DEMEURER signifie au figuré Être à demeure, être permanent ou Tenir, persister, durer. Cet arc de triomphe n'a pas été fait pour demeurer. La parole s'envole, et les écrits demeurent, l'écriture demeure. La tache en demeure toujours. La cicatrice lui en est demeurée. On l'emploie quelquefois impersonnellement, dans le même sens. Il lui en est demeuré une cicatrice, une infirmité. Il signifie aussi Se trouver, rester, être dans un certain état. Il demeure toujours dans le même état. Une chose qui demeure en son entier. Il faut que le passage demeure libre. La plage demeura à sec. Il est demeuré muet, immobile d'étonnement. Demeurer interdit, confus. Demeurer fidèle. Demeurer froid. Demeurer neutre. Demeurer en paix. Demeurer ferme dans son opinion. Demeurer les bras croisés. Demeurer à ne rien faire. J'en demeure d'accord. Demeurer perclus de ses membres. Demeurer propriétaire d'une chose. Demeurer civilement responsable. Demeurer garant. Il se dit encore de Ce qui est conservé, laissé ou dévolu à quelqu'un. Ce bien lui est demeuré, malgré les efforts de ceux qui le lui disputaient. Ce titre lui demeure. Fig., La victoire lui demeura. La gloire lui en est demeurée tout entière. Que la honte vous en demeure! Il signifie en outre Être de reste; et, dans cette acception, on l'emploie presque toujours impersonnellement. Il en demeura plus de la moitié. Il ne lui est rien demeuré de tant de biens qu'il avait. Il ne lui en est pas demeuré une obole. Dans la plupart de ces acceptions on dit plutôt aujourd'hui RESTER.

Littré (1872-1877)

DEMEURER (de-meu-ré) v. n.
  • 1S'arrêter, se tenir, rester en quelque endroit. Mon cheval est demeuré en chemin. Nous demeurâmes en arrière. Mais plutôt demeurez pour me servir d'otage, Corneille, Nicom. V, 7. … Le vieillard était Fou de sa femme, et fort peu la quittait, Sinon les jours qu'il allait à la chasse ; Son fauconnier, qui pour lors le suivait, Eût demeuré volontiers en sa place, La Fontaine, Coc. Il est renvoyé à Lyon, le roi n'a pas voulu qu'il soit demeuré, Sévigné, 149. Demeurons toutefois pour troubler leur fortune, Racine, Andr. II, 1. Pour cacher mon départ je demeure un moment, Racine, Phèd. V, 1. Auprès du fils des rois si j'étais demeurée…, Voltaire, Orphel. II, 3.

    Absolument. Vous, Cinna, demeurez, et vous, Maxime, aussi, Corneille, Cinna, II, 1.

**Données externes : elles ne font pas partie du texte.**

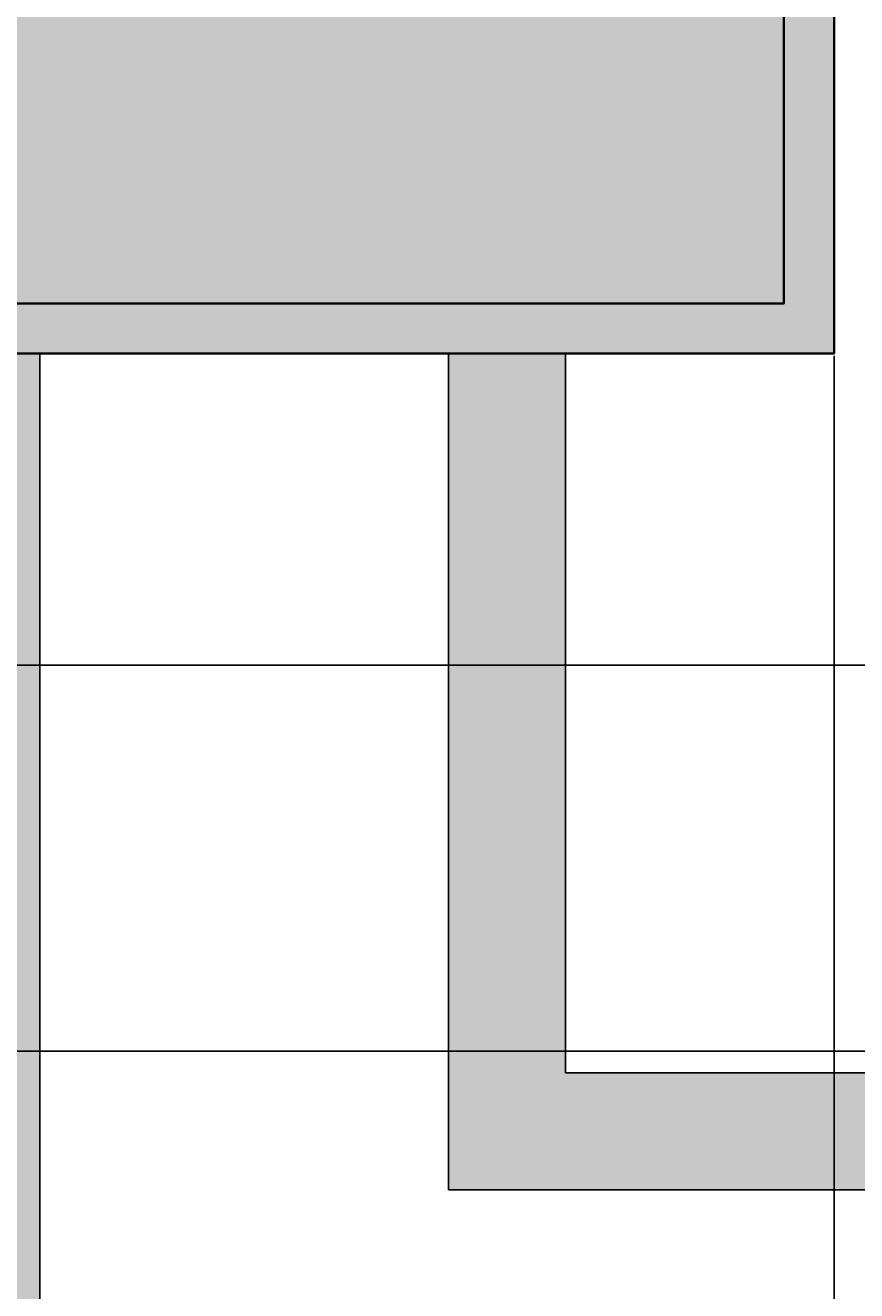
# Model space of a CAD drawing. Units: millimetres. Extents: x -11 to 280, y -4 to 208.
# Tile 12 of 55: x 42 to 67, y 126 to 164. Entities that reach past the tile are written whole.
import ezdxf

# ---------------------------------------------------------------- set-up
doc = ezdxf.new("R2010")
doc.units = ezdxf.units.MM
for name, color, linetype, lineweight in [('M-DIMS', 2, 'Continuous', 18), ('M-HYDR-EQPM', 7, 'Continuous', 35), ('M-HYDR-EQPM-PATT', 252, 'Continuous', 13), ('M-HYDR-SUCT', 7, 'Continuous', 25)]:
    doc.layers.add(name, color=color, linetype=linetype, lineweight=lineweight)
doc.layers.add('M-HYDR-SUCT-PATT', color=221, linetype='Continuous', lineweight=13, true_color=0xff7fdf)
doc.styles.get("Standard").update_dxf_attribs({"font": 'arial.ttf'})
doc.dimstyles.get("Standard").update_dxf_attribs({"dimtxt": 0.18, "dimasz": 0.18, "dimexe": 0.18, "dimexo": 0.0625, "dimgap": 0.09, "dimtad": 0, "dimtih": 1, "dimtoh": 1, "dimdec": 4, "dimzin": 0, "dimdsep": 46, "dimtxsty": 'Standard', "dimcen": 0.09, "dimadec": 0, "dimazin": 0, "dimtfac": 1, "dimtdec": 4, "dimtofl": 0, "dimtmove": 0, "dimatfit": 3, "dimfxl": 1, "dimtolj": 1, "dimtzin": 0, "dimarcsym": 0})

# ---------------------------------------------------------------- blocks, each defined once
blk = doc.blocks.new('*D5')
at = {"layer": 'Defpoints', "color": 0, "transparency": 16777216}
for p in [(24.759, 192.645), (-10.087, 11.435), (261.686, 11.435)]:
    blk.add_point(p, dxfattribs=at)
at = {"layer": 'M-DIMS', "color": 0, "lineweight": -2, "transparency": 16777216}
for p, q in [((24.696, 192.645), (-10.267, 192.645)), ((-10.087, 192.465), (-10.087, 102.222)), ((-10.087, 11.615), (-10.087, 101.858)), ((261.624, 11.435), (-10.267, 11.435))]:
    blk.add_line(p, q, dxfattribs=at)
at = {"layer": 'M-DIMS', "color": 0, "transparency": 16777216}
for points in [[(-10.117, 192.465), (-10.057, 192.465), (-10.087, 192.645)], [(-10.117, 11.615), (-10.057, 11.615), (-10.087, 11.435)]]:
    blk.add_solid(points, dxfattribs=at)
at = {"layer": 'M-DIMS', "color": 0, "transparency": 16777216, "insert": (-10.087, 102.04), "char_height": 0.18, "attachment_point": 5}
blk.add_mtext('\\A1;181.2', dxfattribs=at)
blk = doc.blocks.new('*D9')
at = {"layer": 'Defpoints', "color": 0, "transparency": 16777216}
for p in [(78.827, 207.495), (31.006, 98.021), (78.827, 98.149)]:
    blk.add_point(p, dxfattribs=at)
at = {"layer": 'M-DIMS', "color": 0, "lineweight": -2, "transparency": 16777216}
for p, q in [((31.006, 98.084), (31.006, 207.675)), ((31.186, 207.495), (54.52, 207.495)), ((78.647, 207.495), (55.313, 207.495)), ((78.827, 98.212), (78.827, 207.675))]:
    blk.add_line(p, q, dxfattribs=at)
at = {"layer": 'M-DIMS', "color": 0, "transparency": 16777216}
for points in [[(31.186, 207.525), (31.186, 207.465), (31.006, 207.495)], [(78.647, 207.525), (78.647, 207.465), (78.827, 207.495)]]:
    blk.add_solid(points, dxfattribs=at)
at = {"layer": 'M-DIMS', "color": 0, "transparency": 16777216, "insert": (54.917, 207.495), "char_height": 0.18, "attachment_point": 5}
blk.add_mtext('\\A1;47.82', dxfattribs=at)
blk = doc.blocks.new('*D14')
at = {"layer": 'Defpoints', "color": 0, "transparency": 16777216}
for p in [(-10.087, 144.661), (205.531, 144.661), (226.511, 133.123)]:
    blk.add_point(p, dxfattribs=at)
at = {"layer": 'M-DIMS', "color": 0, "lineweight": -2, "transparency": 16777216}
for p, q in [((205.469, 144.661), (-10.267, 144.661)), ((-10.087, 144.481), (-10.087, 139.074)), ((-10.087, 133.303), (-10.087, 138.71)), ((226.448, 133.123), (-10.267, 133.123))]:
    blk.add_line(p, q, dxfattribs=at)
at = {"layer": 'M-DIMS', "color": 0, "transparency": 16777216}
for points in [[(-10.117, 144.481), (-10.057, 144.481), (-10.087, 144.661)], [(-10.117, 133.303), (-10.057, 133.303), (-10.087, 133.123)]]:
    blk.add_solid(points, dxfattribs=at)
at = {"layer": 'M-DIMS', "color": 0, "transparency": 16777216, "insert": (-10.087, 138.892), "char_height": 0.18, "attachment_point": 5}
blk.add_mtext('\\A1;11.538', dxfattribs=at)
blk = doc.blocks.new('*D23')
at = {"layer": 'Defpoints', "color": 0, "transparency": 16777216}
for p in [(29.201, 153.977), (66.388, 153.977), (66.388, -3.415)]:
    blk.add_point(p, dxfattribs=at)
at = {"layer": 'M-DIMS', "color": 0, "lineweight": -2, "transparency": 16777216}
for p, q in [((29.201, 153.914), (29.201, -3.595)), ((66.388, 153.914), (66.388, -3.595)), ((29.381, -3.415), (47.331, -3.415)), ((66.208, -3.415), (48.258, -3.415))]:
    blk.add_line(p, q, dxfattribs=at)
at = {"layer": 'M-DIMS', "color": 0, "transparency": 16777216}
for points in [[(29.381, -3.385), (29.381, -3.445), (29.201, -3.415)], [(66.208, -3.385), (66.208, -3.445), (66.388, -3.415)]]:
    blk.add_solid(points, dxfattribs=at)
at = {"layer": 'M-DIMS', "color": 0, "transparency": 16777216, "insert": (47.795, -3.415), "char_height": 0.18, "attachment_point": 5}
blk.add_mtext('\\A1;37.186', dxfattribs=at)

msp = doc.modelspace()

# ---------------------------------------------------------------- hatches: boundary and pattern name
at = {"layer": 'M-HYDR-EQPM-PATT'}
h = msp.add_hatch(color=256, dxfattribs=at)
h.set_gradient(color1=(153, 153, 0), color2=(255, 255, 0), tint=1, name='INVCYLINDER')
h.paths.add_polyline_path([(64.8875, 177.7412), (30.7015, 177.7412), (30.7015, 155.4768), (64.8875, 155.4768)])
h.paths.add_polyline_path([(52.0736, 184.1929), (52.0736, 192.645), (24.7588, 192.645), (24.7588, 184.1929), (34.0713, 184.1929), (34.0713, 179.2412), (35.5061, 179.2412), (35.5061, 185.6276), (26.1935, 185.6276), (26.1935, 191.2103), (50.6389, 191.2103), (50.6389, 185.6276), (41.792, 185.6276), (41.792, 179.2412), (43.2268, 179.2412), (43.2268, 184.1929)])
h = msp.add_hatch(color=256, dxfattribs=at)
h.set_gradient(color1=(153, 153, 0), color2=(153, 153, 0), tint=1, name='INVCYLINDER')
h.paths.add_polyline_path([(26.1935, 191.2103), (26.1935, 185.6276), (35.5061, 185.6276), (35.5061, 179.2412), (41.792, 179.2412), (41.792, 185.6276), (50.6389, 185.6276), (50.6389, 191.2103)])
h.paths.add_polyline_path([(29.2015, 153.9768), (66.3875, 153.9768), (66.3875, 179.2412), (29.2015, 179.2412)])
h.paths.add_polyline_path([(30.7015, 177.7412), (64.8875, 177.7412), (64.8875, 155.4768), (30.7015, 155.4768)], flags=16)
at = {"layer": 'M-HYDR-SUCT-PATT'}
h = msp.add_hatch(color=256, dxfattribs=at)
h.set_gradient(color1=(255, 127, 223), color2=(255, 127, 223), tint=1, name='INVCYLINDER')
h.paths.add_polyline_path([(91.3629, 155.4768), (91.3629, 132.4768), (58.3629, 132.4768), (58.3629, 153.9768), (54.8629, 153.9768), (54.8629, 128.9768), (94.8629, 128.9768), (94.8629, 151.9768), (205.5315, 151.9768), (205.5315, 155.4768)])
h.paths.add_polyline_path([(91.3, 114.9452, 1), (78.8273, 114.9452), (78.8273, 108.8141), (42.6453, 108.8141), (42.6453, 153.9768), (39.1453, 153.9768), (39.1453, 105.3141), (78.8273, 105.3141), (78.8273, 98.1491, 1), (91.3, 98.1491), (91.3, 105.3141), (95.5776, 105.3141), (95.5776, 108.8141), (91.3, 108.8141)])
h.paths.add_polyline_path([(228.7, 138.4081), (232.2, 138.4081), (232.2, 144.6609), (228.7, 144.6609)])
h.paths.add_polyline_path([(253.1005, 151.9768, 1), (253.1005, 155.4768), (252.6001, 155.4768), (253.5249, 153.991, -0.1401047), (253.6005, 153.7268, -0.7542249), (252.676, 153.4626), (251.4221, 155.4768), (236.9353, 155.4768), (236.9353, 151.9768)])
h.paths.add_polyline_path([(30.8182, 40.7626), (30.8182, 36.7626), (60.8182, 36.7626), (60.8182, 40.7626)])

# ---------------------------------------------------------------- linework, layer by layer
at = {"layer": 'M-HYDR-EQPM'}
for points in [[(29.2015, 179.2412), (66.3875, 179.2412), (66.3875, 153.9768), (29.2015, 153.9768)], [(30.7015, 177.7412), (64.8875, 177.7412), (64.8875, 155.4768), (30.7015, 155.4768)]]:
    msp.add_lwpolyline(points, close=True, dxfattribs=at)
at = {"layer": 'M-HYDR-SUCT'}
for points in [[(58.3629, 153.9768), (58.3629, 132.4768), (91.3629, 132.4768), (91.3629, 155.4768), (205.5315, 155.4768)], [(78.8273, 108.8141), (42.6453, 108.8141), (42.6453, 153.9768)], [(54.8629, 153.9768), (54.8629, 128.9768), (94.8629, 128.9768), (94.8629, 151.9768), (205.5315, 151.9768)]]:
    msp.add_lwpolyline(points, dxfattribs=at)

# ---------------------------------------------------------------- dimensions: what is measured, and where the dimension line sits
at = {"layer": 'M-DIMS'}
for base, p1, p2, override, picture, middle in [((78.8273, 207.495), (31.0059, 98.0213), (78.8273, 98.1491), {"dimdec": 2, "dimlfac": 1, "dimrnd": 0, "dimzin": 0, "dimdsep": 46, "dimlunit": 2}, '*D9', (54.9166, 207.495)), ((66.3875, -3.4154), (29.2015, 153.9768), (66.3875, 153.9768), {"dimdec": 3, "dimlfac": 1, "dimrnd": 0, "dimzin": 0, "dimdsep": 46, "dimlunit": 2}, '*D23', (47.7945, -3.4154))]:
    dim = msp.add_linear_dim(base=base, p1=p1, p2=p2, dimstyle='Standard', override=override, dxfattribs=at)
    dim.commit()
    dim.dimension.update_dxf_attribs({"geometry": picture, "text_midpoint": middle})
for base, p1, p2, override, picture, middle in [((-10.0865, 11.4346), (24.7588, 192.645), (261.6863, 11.4346), {"dimdec": 1, "dimlfac": 1, "dimrnd": 0, "dimzin": 0, "dimdsep": 46, "dimlunit": 2}, '*D5', (-10.0865, 102.0398)), ((-10.0865, 144.6609), (226.5106, 133.1228), (205.5315, 144.6609), {"dimdec": 3, "dimlfac": 1, "dimrnd": 0, "dimzin": 0, "dimdsep": 46, "dimlunit": 2}, '*D14', (-10.0865, 138.8918))]:
    dim = msp.add_linear_dim(base=base, p1=p1, p2=p2, angle=90, dimstyle='Standard', override=override, dxfattribs=at)
    dim.commit()
    dim.dimension.update_dxf_attribs({"geometry": picture, "text_midpoint": middle})

doc.saveas('drawing.dxf')

    Demeurer chez soi, ne pas sortir de sa maison, et, par extension, ne pas quitter son pays, son genre de vie. Un homme qui a assez de bien pour vivre, s'il savait demeurer chez soi, n'en sortirait pas pour aller sur la mer ou au siége d'une place, Pascal, Pensées, XXVI, 1. Il faut en France beaucoup de fermeté et une grande étendue d'esprit pour se passer des charges et des emplois, et consentir ainsi à demeurer chez soi et à ne rien faire, La Bruyère, II.

    Demeurez chez vous, qu'il demeure chez lui, se dit à quelqu'un, de quelqu'un qu'on veut ne pas voir chez soi. Servez-vous du mot de madame, je vous prie, ou demeurez chez M. votre père, Dancourt, Chev. à la mode, II, 4.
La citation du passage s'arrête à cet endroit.